I have had a bad taste in my mouth ever since John Mullen became President in a secret "Executive Session" despite the Bylaws saying it should have been Derek Barrazza (who eventually won the job in an open and legal election).  If I were doing the interview, I would have asked for the details of that travesty.


----------



## Fact (Aug 21, 2017)

espola said:


> Creampuff interview.  Should have been asked for more details on the reasons for her resignation.
> 
> Unfortunately, the forum pages on the history of the Board actions at that time have disappeared.  Doers anyone remember any details?

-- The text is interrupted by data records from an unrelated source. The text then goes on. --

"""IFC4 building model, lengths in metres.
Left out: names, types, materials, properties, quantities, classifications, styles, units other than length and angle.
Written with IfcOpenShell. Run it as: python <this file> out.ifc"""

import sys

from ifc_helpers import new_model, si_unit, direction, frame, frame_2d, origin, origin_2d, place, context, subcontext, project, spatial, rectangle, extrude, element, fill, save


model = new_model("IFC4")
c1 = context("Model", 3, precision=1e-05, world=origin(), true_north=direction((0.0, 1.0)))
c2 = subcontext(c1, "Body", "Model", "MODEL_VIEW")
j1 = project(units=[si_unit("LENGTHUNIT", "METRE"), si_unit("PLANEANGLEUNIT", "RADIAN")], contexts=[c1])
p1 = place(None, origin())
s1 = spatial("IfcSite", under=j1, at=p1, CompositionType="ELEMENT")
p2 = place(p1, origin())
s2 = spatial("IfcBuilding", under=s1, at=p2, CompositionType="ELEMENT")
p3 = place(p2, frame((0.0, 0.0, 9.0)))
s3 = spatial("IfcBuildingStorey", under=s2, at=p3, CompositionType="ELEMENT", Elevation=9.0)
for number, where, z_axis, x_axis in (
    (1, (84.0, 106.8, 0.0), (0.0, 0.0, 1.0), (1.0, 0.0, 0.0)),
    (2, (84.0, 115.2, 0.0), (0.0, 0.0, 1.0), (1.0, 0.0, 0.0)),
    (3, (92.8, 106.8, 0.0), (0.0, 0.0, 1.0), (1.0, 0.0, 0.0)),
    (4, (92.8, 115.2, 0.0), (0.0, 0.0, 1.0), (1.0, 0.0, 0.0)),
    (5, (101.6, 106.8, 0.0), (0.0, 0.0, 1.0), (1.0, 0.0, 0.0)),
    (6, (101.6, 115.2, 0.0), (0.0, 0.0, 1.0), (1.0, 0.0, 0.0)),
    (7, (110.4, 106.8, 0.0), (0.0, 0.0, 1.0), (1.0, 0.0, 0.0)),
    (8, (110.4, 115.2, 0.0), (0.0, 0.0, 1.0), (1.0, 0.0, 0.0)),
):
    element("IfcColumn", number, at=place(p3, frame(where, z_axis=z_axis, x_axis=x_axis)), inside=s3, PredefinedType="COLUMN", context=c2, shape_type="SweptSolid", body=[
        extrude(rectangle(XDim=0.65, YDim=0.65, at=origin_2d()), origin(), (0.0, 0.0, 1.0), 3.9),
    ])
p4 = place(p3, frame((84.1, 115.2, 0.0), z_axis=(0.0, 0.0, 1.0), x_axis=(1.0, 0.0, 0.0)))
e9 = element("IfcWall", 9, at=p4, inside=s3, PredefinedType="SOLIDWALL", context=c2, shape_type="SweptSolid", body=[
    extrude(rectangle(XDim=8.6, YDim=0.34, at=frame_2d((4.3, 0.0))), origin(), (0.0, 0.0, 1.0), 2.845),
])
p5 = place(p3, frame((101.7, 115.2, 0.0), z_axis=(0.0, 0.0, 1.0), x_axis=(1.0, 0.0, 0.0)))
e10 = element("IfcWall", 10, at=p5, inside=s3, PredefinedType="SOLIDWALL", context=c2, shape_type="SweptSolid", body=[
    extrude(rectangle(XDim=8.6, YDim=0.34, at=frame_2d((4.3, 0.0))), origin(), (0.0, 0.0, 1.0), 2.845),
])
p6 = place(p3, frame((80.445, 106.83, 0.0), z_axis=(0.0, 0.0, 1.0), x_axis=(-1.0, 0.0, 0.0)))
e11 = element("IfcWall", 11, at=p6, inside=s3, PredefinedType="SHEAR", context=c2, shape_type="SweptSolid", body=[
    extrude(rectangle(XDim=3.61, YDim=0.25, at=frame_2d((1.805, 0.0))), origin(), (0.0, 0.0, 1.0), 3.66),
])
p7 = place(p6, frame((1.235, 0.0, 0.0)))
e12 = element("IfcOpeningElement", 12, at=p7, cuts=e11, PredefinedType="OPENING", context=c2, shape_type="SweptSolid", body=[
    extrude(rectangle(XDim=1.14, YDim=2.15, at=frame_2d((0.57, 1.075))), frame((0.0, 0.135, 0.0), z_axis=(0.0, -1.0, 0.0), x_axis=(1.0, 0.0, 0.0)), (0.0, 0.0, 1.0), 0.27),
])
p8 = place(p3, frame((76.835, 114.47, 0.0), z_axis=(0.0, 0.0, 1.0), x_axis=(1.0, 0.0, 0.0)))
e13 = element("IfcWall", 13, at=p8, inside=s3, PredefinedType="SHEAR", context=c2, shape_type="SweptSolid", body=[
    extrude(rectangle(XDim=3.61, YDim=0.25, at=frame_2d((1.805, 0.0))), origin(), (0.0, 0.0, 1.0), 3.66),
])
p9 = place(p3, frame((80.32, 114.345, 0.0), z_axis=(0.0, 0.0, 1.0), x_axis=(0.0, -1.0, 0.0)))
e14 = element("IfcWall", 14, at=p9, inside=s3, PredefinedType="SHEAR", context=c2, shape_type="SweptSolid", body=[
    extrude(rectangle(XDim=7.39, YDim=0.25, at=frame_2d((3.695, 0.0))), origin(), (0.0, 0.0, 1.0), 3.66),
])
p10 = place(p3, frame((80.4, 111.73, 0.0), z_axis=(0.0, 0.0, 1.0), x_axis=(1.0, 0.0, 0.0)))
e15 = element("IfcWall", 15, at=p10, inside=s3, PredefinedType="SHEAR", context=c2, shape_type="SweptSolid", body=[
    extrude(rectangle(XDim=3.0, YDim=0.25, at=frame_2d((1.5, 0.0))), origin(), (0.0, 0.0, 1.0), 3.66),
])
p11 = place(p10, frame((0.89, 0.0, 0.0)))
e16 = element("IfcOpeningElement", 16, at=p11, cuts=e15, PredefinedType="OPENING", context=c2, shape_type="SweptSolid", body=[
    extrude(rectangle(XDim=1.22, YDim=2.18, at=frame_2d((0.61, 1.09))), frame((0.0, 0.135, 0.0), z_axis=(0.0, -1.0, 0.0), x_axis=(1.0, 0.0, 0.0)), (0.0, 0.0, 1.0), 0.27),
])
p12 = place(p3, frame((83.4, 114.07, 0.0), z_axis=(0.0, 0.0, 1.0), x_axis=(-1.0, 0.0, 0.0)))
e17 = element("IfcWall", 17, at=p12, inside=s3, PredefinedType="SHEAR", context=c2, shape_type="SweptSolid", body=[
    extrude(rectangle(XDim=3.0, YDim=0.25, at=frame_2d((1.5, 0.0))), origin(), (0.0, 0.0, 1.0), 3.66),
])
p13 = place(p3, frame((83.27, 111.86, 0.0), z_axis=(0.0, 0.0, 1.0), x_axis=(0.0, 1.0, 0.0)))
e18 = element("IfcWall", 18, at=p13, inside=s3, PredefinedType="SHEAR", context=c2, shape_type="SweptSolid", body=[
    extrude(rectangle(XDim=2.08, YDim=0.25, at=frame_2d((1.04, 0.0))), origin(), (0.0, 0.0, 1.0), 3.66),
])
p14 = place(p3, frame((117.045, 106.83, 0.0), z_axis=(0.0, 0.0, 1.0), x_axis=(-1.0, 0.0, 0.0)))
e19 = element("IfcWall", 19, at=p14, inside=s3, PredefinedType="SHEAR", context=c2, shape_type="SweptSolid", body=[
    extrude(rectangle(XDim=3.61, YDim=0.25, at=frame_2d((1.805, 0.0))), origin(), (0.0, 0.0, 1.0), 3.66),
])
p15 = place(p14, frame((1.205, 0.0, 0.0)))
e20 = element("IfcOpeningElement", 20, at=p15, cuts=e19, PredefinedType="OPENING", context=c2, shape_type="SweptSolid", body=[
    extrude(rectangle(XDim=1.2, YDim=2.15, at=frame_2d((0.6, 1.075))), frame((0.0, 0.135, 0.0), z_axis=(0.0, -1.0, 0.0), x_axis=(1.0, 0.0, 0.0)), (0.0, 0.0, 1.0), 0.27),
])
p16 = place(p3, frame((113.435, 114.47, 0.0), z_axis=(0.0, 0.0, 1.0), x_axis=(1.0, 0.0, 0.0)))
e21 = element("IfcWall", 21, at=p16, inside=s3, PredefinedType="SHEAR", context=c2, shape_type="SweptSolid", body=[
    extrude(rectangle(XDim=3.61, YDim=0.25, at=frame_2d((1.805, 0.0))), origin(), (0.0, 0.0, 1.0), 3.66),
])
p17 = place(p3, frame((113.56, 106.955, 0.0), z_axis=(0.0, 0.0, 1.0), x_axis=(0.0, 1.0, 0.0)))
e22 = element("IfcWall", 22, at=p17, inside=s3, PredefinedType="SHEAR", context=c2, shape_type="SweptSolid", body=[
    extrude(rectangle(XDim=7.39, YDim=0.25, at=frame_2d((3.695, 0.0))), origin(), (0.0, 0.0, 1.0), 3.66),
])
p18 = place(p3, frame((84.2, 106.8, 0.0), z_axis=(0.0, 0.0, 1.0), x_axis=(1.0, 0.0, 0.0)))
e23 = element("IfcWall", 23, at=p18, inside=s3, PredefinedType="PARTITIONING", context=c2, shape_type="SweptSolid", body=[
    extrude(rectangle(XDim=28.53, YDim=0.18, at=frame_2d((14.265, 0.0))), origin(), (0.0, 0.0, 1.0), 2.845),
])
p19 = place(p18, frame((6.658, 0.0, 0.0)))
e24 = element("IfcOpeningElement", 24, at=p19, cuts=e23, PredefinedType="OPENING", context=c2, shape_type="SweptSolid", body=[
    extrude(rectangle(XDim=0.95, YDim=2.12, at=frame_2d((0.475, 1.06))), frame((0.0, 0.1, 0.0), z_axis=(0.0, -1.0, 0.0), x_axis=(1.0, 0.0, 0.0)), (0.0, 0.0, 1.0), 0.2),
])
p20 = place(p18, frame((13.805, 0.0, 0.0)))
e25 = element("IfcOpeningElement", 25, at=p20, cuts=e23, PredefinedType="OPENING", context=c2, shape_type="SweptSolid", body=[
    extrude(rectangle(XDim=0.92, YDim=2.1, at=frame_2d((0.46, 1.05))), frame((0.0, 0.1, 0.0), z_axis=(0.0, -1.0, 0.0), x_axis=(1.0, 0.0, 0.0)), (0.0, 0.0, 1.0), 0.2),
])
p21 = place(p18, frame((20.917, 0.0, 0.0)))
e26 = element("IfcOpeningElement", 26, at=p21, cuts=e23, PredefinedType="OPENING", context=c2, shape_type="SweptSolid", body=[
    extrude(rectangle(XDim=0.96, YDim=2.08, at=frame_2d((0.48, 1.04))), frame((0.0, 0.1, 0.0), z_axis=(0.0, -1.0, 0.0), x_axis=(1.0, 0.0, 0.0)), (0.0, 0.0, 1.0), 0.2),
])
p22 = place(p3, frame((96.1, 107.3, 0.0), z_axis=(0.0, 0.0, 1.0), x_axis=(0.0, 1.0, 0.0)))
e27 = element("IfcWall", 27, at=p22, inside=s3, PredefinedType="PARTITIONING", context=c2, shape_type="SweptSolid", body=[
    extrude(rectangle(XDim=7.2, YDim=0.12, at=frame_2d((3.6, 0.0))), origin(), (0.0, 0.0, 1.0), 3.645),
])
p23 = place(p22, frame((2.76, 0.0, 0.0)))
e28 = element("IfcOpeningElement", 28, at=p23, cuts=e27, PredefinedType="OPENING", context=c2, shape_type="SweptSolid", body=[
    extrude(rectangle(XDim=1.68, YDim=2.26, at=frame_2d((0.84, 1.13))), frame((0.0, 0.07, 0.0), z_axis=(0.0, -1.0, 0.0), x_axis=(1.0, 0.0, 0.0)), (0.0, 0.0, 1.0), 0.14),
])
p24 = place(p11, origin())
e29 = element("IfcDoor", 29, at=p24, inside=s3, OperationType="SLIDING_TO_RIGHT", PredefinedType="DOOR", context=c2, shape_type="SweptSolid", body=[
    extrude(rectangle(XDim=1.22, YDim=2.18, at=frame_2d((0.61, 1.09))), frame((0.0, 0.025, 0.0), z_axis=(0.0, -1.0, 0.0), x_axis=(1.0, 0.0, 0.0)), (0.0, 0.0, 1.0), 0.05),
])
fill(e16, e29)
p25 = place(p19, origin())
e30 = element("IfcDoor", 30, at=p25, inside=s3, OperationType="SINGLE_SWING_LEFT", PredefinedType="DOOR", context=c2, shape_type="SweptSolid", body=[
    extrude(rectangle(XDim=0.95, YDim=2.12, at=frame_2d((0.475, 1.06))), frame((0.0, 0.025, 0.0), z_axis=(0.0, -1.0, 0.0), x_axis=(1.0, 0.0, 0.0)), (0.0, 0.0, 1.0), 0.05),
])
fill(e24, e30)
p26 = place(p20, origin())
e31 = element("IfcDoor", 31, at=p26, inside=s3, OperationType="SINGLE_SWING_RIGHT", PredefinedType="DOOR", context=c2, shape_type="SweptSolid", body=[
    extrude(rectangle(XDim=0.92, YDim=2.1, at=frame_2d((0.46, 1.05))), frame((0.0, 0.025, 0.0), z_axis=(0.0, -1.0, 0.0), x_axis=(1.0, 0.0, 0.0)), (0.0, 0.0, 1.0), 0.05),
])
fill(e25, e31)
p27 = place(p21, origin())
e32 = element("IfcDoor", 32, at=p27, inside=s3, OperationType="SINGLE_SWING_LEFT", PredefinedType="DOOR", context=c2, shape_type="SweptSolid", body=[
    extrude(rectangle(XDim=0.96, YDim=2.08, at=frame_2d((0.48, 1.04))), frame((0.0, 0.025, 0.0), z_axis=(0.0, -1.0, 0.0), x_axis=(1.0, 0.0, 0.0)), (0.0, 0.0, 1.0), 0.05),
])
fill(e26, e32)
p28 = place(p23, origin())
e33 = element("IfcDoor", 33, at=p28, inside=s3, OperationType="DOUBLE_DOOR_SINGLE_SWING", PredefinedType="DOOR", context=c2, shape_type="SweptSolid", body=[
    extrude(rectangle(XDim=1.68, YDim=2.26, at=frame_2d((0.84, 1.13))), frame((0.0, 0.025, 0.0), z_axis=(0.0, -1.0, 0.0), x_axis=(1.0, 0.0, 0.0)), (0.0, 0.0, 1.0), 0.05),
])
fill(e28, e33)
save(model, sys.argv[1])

The forum pages are still in the girls 06 forum.  Maybe Thunderbolt would like to comment with one of his many aliases?


----------



## Art (Aug 21, 2017)

For a second I thought it said Calsouth sues...abadie .


----------



## Art (Aug 21, 2017)

Good to know good people still exist in the world, from what I saw during the weekend after reffing parents cant control their brats now adays on the sideline..one kid said to a referee "what are we paying you for.." Like if your a parent or a role model of sorts first thinf your kids gotta learn is to be a good person, screw the sport! If they dont learn to control themselves how can you expect them to be a functioning member of society or someone to influence future youth. On top of that incident no one commented to her that was wrong to say..it was disgusting snobby behavior. Your not entitled to being a jackass for paying a few bucks. That goes to all parents and soccer club related individuals that get all high and mighty about where or what their kids play for as if no one else's kid is at the same level ir such. These organizations and clubs are tainted by such people, I hope the trashy individuals in the governance and from.these individual clubs are eventually weeded out.


----------



## Multi Sport (Aug 22, 2017)

espola said:


> Creampuff interview.  Should have been asked for more details on the reasons for her resignation.
> 
> Unfortunately, the forum pages on the history of the Board actions at that time have disappeared.  Doers anyone remember any details?


Bummer...


----------



## sandshark (Aug 22, 2017)

Someone needs to dig deep into the youth soccer world and expose all the money being made exploiting the children and their families. As always follow the money and listen to the stories along the way. I promise there more bad then good theses days.


----------



## HBE (Aug 22, 2017)

espola said:


> I have had a bad taste in my mouth ever since John Mullen became President in a secret "Executive Session" despite the Bylaws saying it should have been Derek Barrazza (who eventually won the job in an open and legal election).  If I were doing the interview, I would have asked for the details of that travesty.


If you're really that interested in the details take her to lunch, I bet she takes up your offer.......


----------